New council member voted in, takes seat left by Roduner

The Quincy City Council on Tuesday, May 9, chose Luke Garrison to fill the spot on the City Council left by Adam Roduner.
Garrison took his seat with the other council members, and when the time came to end the meeting, he gave the motion to adjourn – his first official act in public office.
Garrison, 25, has lived in Quincy Valley his whole life, works in construction for Garrison Homes and is a volunteer officer with the Grant County Fire District No. 3. He said he has never run for office before and he is planning to run for the seat he now has, as its term ends on Dec. 31.

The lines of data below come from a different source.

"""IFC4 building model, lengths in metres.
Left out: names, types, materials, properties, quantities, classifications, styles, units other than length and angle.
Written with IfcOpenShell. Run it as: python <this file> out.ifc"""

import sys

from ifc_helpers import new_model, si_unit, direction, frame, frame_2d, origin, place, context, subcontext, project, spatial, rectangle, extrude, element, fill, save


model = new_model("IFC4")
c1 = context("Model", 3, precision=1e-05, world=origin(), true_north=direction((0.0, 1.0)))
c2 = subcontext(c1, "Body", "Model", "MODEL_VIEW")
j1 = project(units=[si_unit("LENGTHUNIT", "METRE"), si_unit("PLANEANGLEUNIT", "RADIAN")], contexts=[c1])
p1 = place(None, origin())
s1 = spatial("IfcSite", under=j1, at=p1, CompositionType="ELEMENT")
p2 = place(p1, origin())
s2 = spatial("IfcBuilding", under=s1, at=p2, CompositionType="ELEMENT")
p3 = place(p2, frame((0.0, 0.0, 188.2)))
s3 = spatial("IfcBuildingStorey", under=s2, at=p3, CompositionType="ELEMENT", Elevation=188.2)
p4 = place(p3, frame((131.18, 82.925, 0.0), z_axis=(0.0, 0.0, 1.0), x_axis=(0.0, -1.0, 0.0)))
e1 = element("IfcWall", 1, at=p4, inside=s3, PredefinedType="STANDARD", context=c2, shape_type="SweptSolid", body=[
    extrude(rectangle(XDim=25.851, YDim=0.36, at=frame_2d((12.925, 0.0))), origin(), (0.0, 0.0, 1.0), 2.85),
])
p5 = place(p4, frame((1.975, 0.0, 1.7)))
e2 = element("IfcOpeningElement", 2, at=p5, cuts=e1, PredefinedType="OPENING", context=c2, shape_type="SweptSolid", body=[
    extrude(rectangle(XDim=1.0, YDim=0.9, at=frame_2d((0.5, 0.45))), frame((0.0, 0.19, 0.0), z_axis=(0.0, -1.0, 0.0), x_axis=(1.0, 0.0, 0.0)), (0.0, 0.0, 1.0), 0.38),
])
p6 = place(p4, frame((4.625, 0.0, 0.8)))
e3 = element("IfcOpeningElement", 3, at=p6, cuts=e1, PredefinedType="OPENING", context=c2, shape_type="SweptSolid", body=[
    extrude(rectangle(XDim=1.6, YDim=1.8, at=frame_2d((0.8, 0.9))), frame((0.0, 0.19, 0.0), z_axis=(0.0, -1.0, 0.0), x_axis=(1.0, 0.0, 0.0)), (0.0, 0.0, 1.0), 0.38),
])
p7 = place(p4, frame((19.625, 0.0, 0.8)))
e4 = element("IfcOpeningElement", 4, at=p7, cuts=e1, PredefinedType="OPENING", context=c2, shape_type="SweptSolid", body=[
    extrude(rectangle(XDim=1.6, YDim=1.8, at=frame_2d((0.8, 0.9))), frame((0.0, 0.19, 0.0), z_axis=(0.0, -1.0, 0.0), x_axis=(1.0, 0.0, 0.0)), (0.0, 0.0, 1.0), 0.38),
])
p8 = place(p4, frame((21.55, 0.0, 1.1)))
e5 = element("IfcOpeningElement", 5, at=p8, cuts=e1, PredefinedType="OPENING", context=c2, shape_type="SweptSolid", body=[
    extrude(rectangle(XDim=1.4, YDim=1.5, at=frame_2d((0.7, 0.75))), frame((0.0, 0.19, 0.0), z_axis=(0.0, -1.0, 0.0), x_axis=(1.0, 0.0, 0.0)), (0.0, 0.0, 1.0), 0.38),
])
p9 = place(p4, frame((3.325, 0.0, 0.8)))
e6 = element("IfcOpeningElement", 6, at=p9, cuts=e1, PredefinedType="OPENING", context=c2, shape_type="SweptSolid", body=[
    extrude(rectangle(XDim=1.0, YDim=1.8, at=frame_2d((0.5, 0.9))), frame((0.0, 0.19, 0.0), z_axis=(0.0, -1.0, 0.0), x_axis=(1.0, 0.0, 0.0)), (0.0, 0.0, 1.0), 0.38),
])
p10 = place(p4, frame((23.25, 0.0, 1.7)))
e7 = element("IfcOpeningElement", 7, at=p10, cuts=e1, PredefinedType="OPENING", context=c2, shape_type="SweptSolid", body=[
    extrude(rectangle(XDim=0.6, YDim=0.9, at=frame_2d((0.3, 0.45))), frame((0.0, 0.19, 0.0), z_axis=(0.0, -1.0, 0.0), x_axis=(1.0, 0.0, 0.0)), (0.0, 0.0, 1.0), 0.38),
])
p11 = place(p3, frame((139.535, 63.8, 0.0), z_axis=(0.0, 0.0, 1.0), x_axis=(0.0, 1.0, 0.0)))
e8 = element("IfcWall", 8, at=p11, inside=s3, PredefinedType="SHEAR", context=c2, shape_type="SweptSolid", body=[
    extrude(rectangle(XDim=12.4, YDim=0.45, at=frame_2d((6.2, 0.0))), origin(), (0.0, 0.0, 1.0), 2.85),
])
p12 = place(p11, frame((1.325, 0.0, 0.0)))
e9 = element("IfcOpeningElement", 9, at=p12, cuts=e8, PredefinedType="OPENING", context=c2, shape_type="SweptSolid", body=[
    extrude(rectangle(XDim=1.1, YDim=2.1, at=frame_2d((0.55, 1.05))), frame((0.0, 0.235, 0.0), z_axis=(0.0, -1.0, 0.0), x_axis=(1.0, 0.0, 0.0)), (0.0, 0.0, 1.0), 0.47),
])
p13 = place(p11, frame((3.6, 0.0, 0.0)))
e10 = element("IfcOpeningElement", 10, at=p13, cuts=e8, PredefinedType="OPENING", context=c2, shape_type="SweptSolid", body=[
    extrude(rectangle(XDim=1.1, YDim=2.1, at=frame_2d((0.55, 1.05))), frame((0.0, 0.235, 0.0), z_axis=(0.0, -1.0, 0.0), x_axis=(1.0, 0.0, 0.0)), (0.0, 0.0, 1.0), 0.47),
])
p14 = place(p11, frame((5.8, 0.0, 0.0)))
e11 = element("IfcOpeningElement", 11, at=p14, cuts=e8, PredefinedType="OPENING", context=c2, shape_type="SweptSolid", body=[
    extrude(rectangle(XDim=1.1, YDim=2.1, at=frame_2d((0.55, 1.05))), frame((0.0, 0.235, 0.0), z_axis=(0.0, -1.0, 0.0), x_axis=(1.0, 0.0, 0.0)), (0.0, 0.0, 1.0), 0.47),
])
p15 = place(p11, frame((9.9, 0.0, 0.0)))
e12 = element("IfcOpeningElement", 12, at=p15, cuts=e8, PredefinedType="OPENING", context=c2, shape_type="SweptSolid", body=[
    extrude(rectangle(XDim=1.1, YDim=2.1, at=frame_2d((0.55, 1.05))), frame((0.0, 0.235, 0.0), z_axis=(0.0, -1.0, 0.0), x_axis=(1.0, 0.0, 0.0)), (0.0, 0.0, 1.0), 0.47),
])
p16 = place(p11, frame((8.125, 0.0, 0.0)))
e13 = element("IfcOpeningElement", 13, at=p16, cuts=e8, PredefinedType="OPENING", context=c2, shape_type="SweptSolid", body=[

Luke Garrison took the oath of office for the Quincy City Council seat No. 2 on May 9.
Photo by Dave Burgess/Post-Register

Roduner resigned from the City Council at the April 18 meeting because he is moving outside the city limits.
City Council members Paul Worley, David Day, Tom Harris, Josey Ferguson and Sonia Padron were present to select their new colleague. David Durfee was absent.
They interviewed five city residents on Tuesday night as candidates: Garrison, Cathie Wind, Robert Buys, Keith Anstine and Scott Lybbert. One at a time, while the others waited outside in the foyer, the candidates introduced themselves to the City Council and then faced questions from council members.
The questions were the same for each candidate. Padron asked the candidate to name the two best qualities the candidate would bring to the council. Harris asked what the candidate wants to see in Quincy in the next four years. Ferguson asked whether the candidate planned to run for city office in this year’s election if not appointed to the open seat. Mayor Jim Hemberry asked whether the candidate – if appointed – would run in the election.
The council members left to talk and returned in about 15 minutes. The first candidate named and voted on was Garrison, and the motion carried in a 3-2 vote.
After the meeting, Garrison said he had been thinking about serving in public office for a few months.
“I feel excited and thankful for the opportunity to serve the citizens of Quincy more than what I do now, in regards to the fire district,” he said.